Integrated Power Pack/temperature control unit

The CBNC article: “Honeywell said it would inspect the system, which manages the distribution of hot and cold air in the F-35 fuselage, once it arrived at the company’s Phoenix testing facility.” (complete system is send to Honeywell; because the software code generates smoke, a novel). The will inspect the system and develop a permanent fix. Only the temperature control system (part of the total Integrated Power Pack system) was being sent back to Honeywell.
The Honeywell IPP is a unique system that combines the normal functions of a back-up generator, APU/starter, emergency power unit and the air cycle machine (ACM) that runs the environmental control system. Clear explanation in “Talking about my generators”. (Aviation Week; March-2011)

JPO/Lockheed Martin: “No lithium-ion battery problem with F-35”

Honeywell is the manufacturer of the F-35 “power thermal management system,” which uses a (Saft) lithium-ion battery. The battery technology (not the producer) is similar to those whose failures have grounded the entire fleet of Boeing 787 Dreamliners.

Kyra Hawn emphasized: “It has no linkage whatsoever with the lithium-ion batteries.”

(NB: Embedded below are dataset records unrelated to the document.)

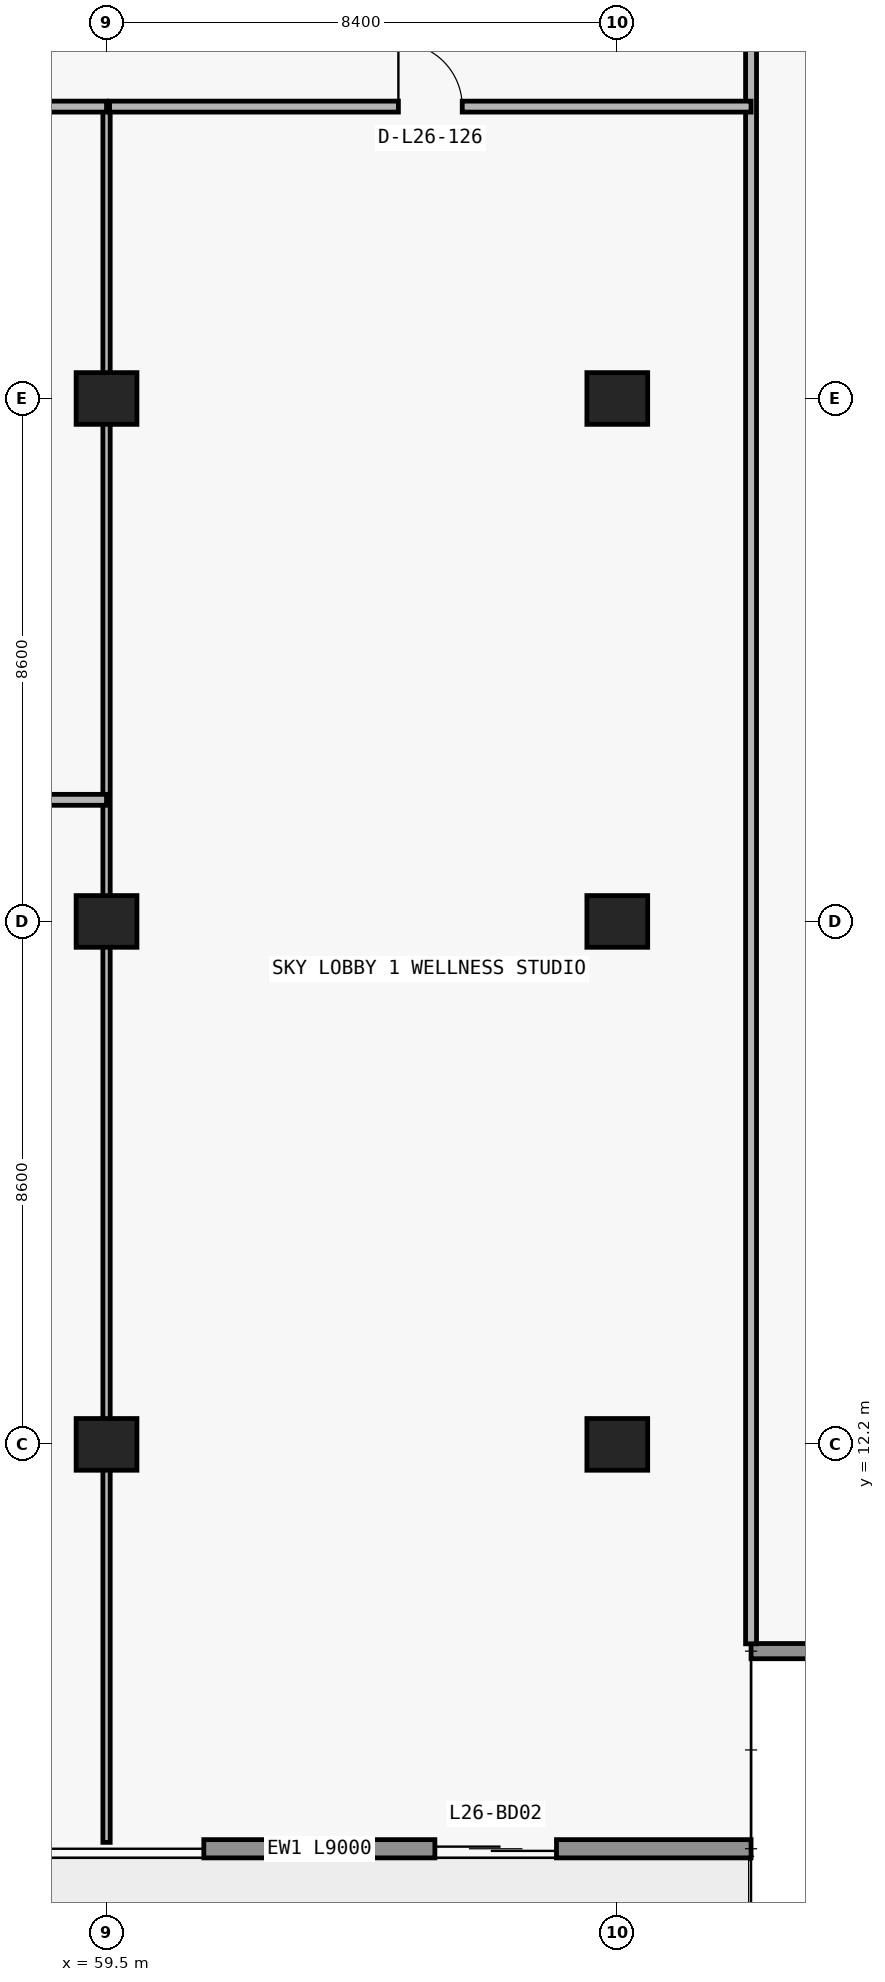
"""IFC4 building model, lengths in metres.
Left out: names, types, materials, properties, quantities, classifications, styles, units other than length and angle.
Written with IfcOpenShell. Run it as: python <this file> out.ifc"""

import sys

from ifc_helpers import new_model, si_unit, direction, frame, frame_2d, origin, origin_2d, place, context, subcontext, project, spatial, rectangle, extrude, element, fill, save


model = new_model("IFC4")
c1 = context("Model", 3, precision=1e-05, world=origin(), true_north=direction((0.0, 1.0)))
c2 = subcontext(c1, "Body", "Model", "MODEL_VIEW")
j1 = project(units=[si_unit("LENGTHUNIT", "METRE"), si_unit("PLANEANGLEUNIT", "RADIAN")], contexts=[c1])
p1 = place(None, origin())
s1 = spatial("IfcSite", under=j1, at=p1, CompositionType="ELEMENT")
p2 = place(p1, origin())
s2 = spatial("IfcBuilding", under=s1, at=p2, CompositionType="ELEMENT")
p3 = place(p2, frame((0.0, 0.0, 97.8)))
s3 = spatial("IfcBuildingStorey", under=s2, at=p3, CompositionType="ELEMENT", Elevation=97.8)
for number, where, z_axis, x_axis in (
    (1, (59.5, 12.2, 0.0), (0.0, 0.0, 1.0), (1.0, 0.0, 0.0)),
    (2, (67.9, 12.2, 0.0), (0.0, 0.0, 1.0), (1.0, 0.0, 0.0)),
    (3, (59.5, 20.8, 0.0), (0.0, 0.0, 1.0), (1.0, 0.0, 0.0)),
    (4, (67.9, 20.8, 0.0), (0.0, 0.0, 1.0), (1.0, 0.0, 0.0)),
    (5, (59.5, 29.4, 0.0), (0.0, 0.0, 1.0), (1.0, 0.0, 0.0)),
    (6, (67.9, 29.4, 0.0), (0.0, 0.0, 1.0), (1.0, 0.0, 0.0)),
):
    element("IfcColumn", number, at=place(p3, frame(where, z_axis=z_axis, x_axis=x_axis)), inside=s3, PredefinedType="COLUMN", context=c2, shape_type="SweptSolid", body=[
        extrude(rectangle(XDim=1.0, YDim=0.85, at=origin_2d()), origin(), (0.0, 0.0, 1.0), 4.55),
    ])
p4 = place(p3, frame((70.1, 5.55, 0.0), z_axis=(0.0, 0.0, 1.0), x_axis=(-1.0, 0.0, 0.0)))
e7 = element("IfcWall", 7, at=p4, inside=s3, PredefinedType="STANDARD", context=c2, shape_type="SweptSolid", body=[
    extrude(rectangle(XDim=9.0, YDim=0.3, at=frame_2d((4.5, 0.0))), origin(), (0.0, 0.0, 1.0), 4.55),
])
p5 = place(p4, frame((3.2, 0.0, 0.0)))
e8 = element("IfcOpeningElement", 8, at=p5, cuts=e7, PredefinedType="OPENING", context=c2, shape_type="SweptSolid", body=[
    extrude(rectangle(XDim=2.0, YDim=2.3, at=frame_2d((1.0, 1.15))), frame((0.0, 0.16, 0.0), z_axis=(0.0, -1.0, 0.0), x_axis=(1.0, 0.0, 0.0)), (0.0, 0.0, 1.0), 0.32),
])
p6 = place(p3, frame((70.1, 8.8, 0.0), z_axis=(0.0, 0.0, 1.0), x_axis=(1.0, 0.0, 0.0)))
e9 = element("IfcWall", 9, at=p6, inside=s3, PredefinedType="ELEMENTEDWALL", context=c2, shape_type="SweptSolid", body=[
    extrude(rectangle(XDim=3.65, YDim=0.25, at=frame_2d((1.825, 0.0))), origin(), (0.0, 0.0, 1.0), 4.55),
])
p7 = place(p3, frame((59.5, 5.655, 0.0), z_axis=(0.0, 0.0, 1.0), x_axis=(0.0, 1.0, 0.0)))
e10 = element("IfcWall", 10, at=p7, inside=s3, PredefinedType="PARTITIONING", context=c2, shape_type="SweptSolid", body=[
    extrude(rectangle(XDim=28.545, YDim=0.12, at=frame_2d((14.272, 0.0))), origin(), (0.0, 0.0, 1.0), 3.514),
])
p8 = place(p3, frame((70.1, 8.92, 0.0), z_axis=(0.0, 0.0, 1.0), x_axis=(0.0, 1.0, 0.0)))
e11 = element("IfcWall", 11, at=p8, inside=s3, PredefinedType="PARTITIONING", context=c2, shape_type="SweptSolid", body=[
    extrude(rectangle(XDim=38.16, YDim=0.18, at=frame_2d((19.08, 0.0))), origin(), (0.0, 0.0, 1.0), 4.55),
])
p9 = place(p3, frame((51.37, 22.8, 0.0), z_axis=(0.0, 0.0, 1.0), x_axis=(1.0, 0.0, 0.0)))
e12 = element("IfcWall", 12, at=p9, inside=s3, PredefinedType="PARTITIONING", context=c2, shape_type="SweptSolid", body=[
    extrude(rectangle(XDim=8.13, YDim=0.18, at=frame_2d((4.065, 0.0))), origin(), (0.0, 0.0, 1.0), 4.55),
])
p10 = place(p9, frame((3.565, 0.0, 0.0)))
e13 = element("IfcOpeningElement", 13, at=p10, cuts=e12, PredefinedType="OPENING", context=c2, shape_type="SweptSolid", body=[
    extrude(rectangle(XDim=1.0, YDim=2.2, at=frame_2d((0.5, 1.1))), frame((0.0, 0.1, 0.0), z_axis=(0.0, -1.0, 0.0), x_axis=(1.0, 0.0, 0.0)), (0.0, 0.0, 1.0), 0.2),
])
p11 = place(p3, frame((18.3, 34.2, 0.0), z_axis=(0.0, 0.0, 1.0), x_axis=(1.0, 0.0, 0.0)))
e14 = element("IfcWall", 14, at=p11, inside=s3, PredefinedType="PARTITIONING", context=c2, shape_type="SweptSolid", body=[
    extrude(rectangle(XDim=41.2, YDim=0.18, at=frame_2d((20.6, 0.0))), origin(), (0.0, 0.0, 1.0), 4.55),
])
p12 = place(p11, frame((36.475, 0.0, 0.0)))
e15 = element("IfcOpeningElement", 15, at=p12, cuts=e14, PredefinedType="OPENING", context=c2, shape_type="SweptSolid", body=[
    extrude(rectangle(XDim=1.05, YDim=2.15, at=frame_2d((0.525, 1.075))), frame((0.0, 0.1, 0.0), z_axis=(0.0, -1.0, 0.0), x_axis=(1.0, 0.0, 0.0)), (0.0, 0.0, 1.0), 0.2),
])
p13 = place(p11, frame((3.675, 0.0, 0.0)))
e16 = element("IfcOpeningElement", 16, at=p13, cuts=e14, PredefinedType="OPENING", context=c2, shape_type="SweptSolid", body=[
    extrude(rectangle(XDim=1.05, YDim=2.15, at=frame_2d((0.525, 1.075))), frame((0.0, 0.1, 0.0), z_axis=(0.0, -1.0, 0.0), x_axis=(1.0, 0.0, 0.0)), (0.0, 0.0, 1.0), 0.2),
])
p14 = place(p11, frame((12.075, 0.0, 0.0)))
e17 = element("IfcOpeningElement", 17, at=p14, cuts=e14, PredefinedType="OPENING", context=c2, shape_type="SweptSolid", body=[
    extrude(rectangle(XDim=1.05, YDim=2.15, at=frame_2d((0.525, 1.075))), frame((0.0, 0.1, 0.0), z_axis=(0.0, -1.0, 0.0), x_axis=(1.0, 0.0, 0.0)), (0.0, 0.0, 1.0), 0.2),
])
p15 = place(p11, frame((20.1, 0.0, 0.0)))
e18 = element("IfcOpeningElement", 18, at=p15, cuts=e14, PredefinedType="OPENING", context=c2, shape_type="SweptSolid", body=[
    extrude(rectangle(XDim=1.0, YDim=2.2, at=frame_2d((0.5, 1.1))), frame((0.0, 0.1, 0.0), z_axis=(0.0, -1.0, 0.0), x_axis=(1.0, 0.0, 0.0)), (0.0, 0.0, 1.0), 0.2),
])
p16 = place(p11, frame((28.1, 0.0, 0.0)))
e19 = element("IfcOpeningElement", 19, at=p16, cuts=e14, PredefinedType="OPENING", context=c2, shape_type="SweptSolid", body=[
    extrude(rectangle(XDim=1.0, YDim=2.2, at=frame_2d((0.5, 1.1))), frame((0.0, 0.1, 0.0), z_axis=(0.0, -1.0, 0.0), x_axis=(1.0, 0.0, 0.0)), (0.0, 0.0, 1.0), 0.2),
])
p17 = place(p3, frame((59.55, 34.2, 0.0), z_axis=(0.0, 0.0, 1.0), x_axis=(1.0, 0.0, 0.0)))
e20 = element("IfcWall", 20, at=p17, inside=s3, PredefinedType="PARTITIONING", context=c2, shape_type="SweptSolid", body=[
    extrude(rectangle(XDim=10.55, YDim=0.18, at=frame_2d((5.275, 0.0))), origin(), (0.0, 0.0, 1.0), 4.55),
])
p18 = place(p17, frame((4.75, 0.0, 0.0)))
e21 = element("IfcOpeningElement", 21, at=p18, cuts=e20, PredefinedType="OPENING", context=c2, shape_type="SweptSolid", body=[
    extrude(rectangle(XDim=1.05, YDim=2.15, at=frame_2d((0.525, 1.075))), frame((0.0, 0.1, 0.0), z_axis=(0.0, -1.0, 0.0), x_axis=(1.0, 0.0, 0.0)), (0.0, 0.0, 1.0), 0.2),
])
p19 = place(p5, origin())
e22 = element("IfcDoor", 22, at=p19, inside=s3, OperationType="DOUBLE_DOOR_SLIDING", PredefinedType="DOOR", context=c2, shape_type="SweptSolid", body=[
    extrude(rectangle(XDim=2.0, YDim=2.3, at=frame_2d((1.0, 1.15))), frame((0.0, 0.025, 0.0), z_axis=(0.0, -1.0, 0.0), x_axis=(1.0, 0.0, 0.0)), (0.0, 0.0, 1.0), 0.05),
])
fill(e8, e22)
p20 = place(p18, origin())
e23 = element("IfcDoor", 23, at=p20, inside=s3, OperationType="SINGLE_SWING_LEFT", PredefinedType="DOOR", context=c2, shape_type="SweptSolid", body=[
    extrude(rectangle(XDim=1.05, YDim=2.15, at=frame_2d((0.525, 1.075))), frame((0.0, 0.025, 0.0), z_axis=(0.0, -1.0, 0.0), x_axis=(1.0, 0.0, 0.0)), (0.0, 0.0, 1.0), 0.05),
])
fill(e21, e23)
save(model, sys.argv[1])

Also Lockheed spokesman Michael Rein said to the press: “There is no evidence that the lithium ion batteries are a contributor to this event, no battery faults were observed at any time.”

Other IPP incidents:

July 2008: On 23-Jul-2008, both flying F-35 prototypes were grounded after problems were detected with ground cooling fan electrical circuitry, US DCMA reported 18-Aug-2008 that test were delayed as a result of testing anomalies on the 28 Volt and 270 Volt Battery Charger/Controller Unit, the Electrical Distribution Unit and the Power Distribution Unit.
It was an issue due to design problems. Flights were resumed first week of September-2008.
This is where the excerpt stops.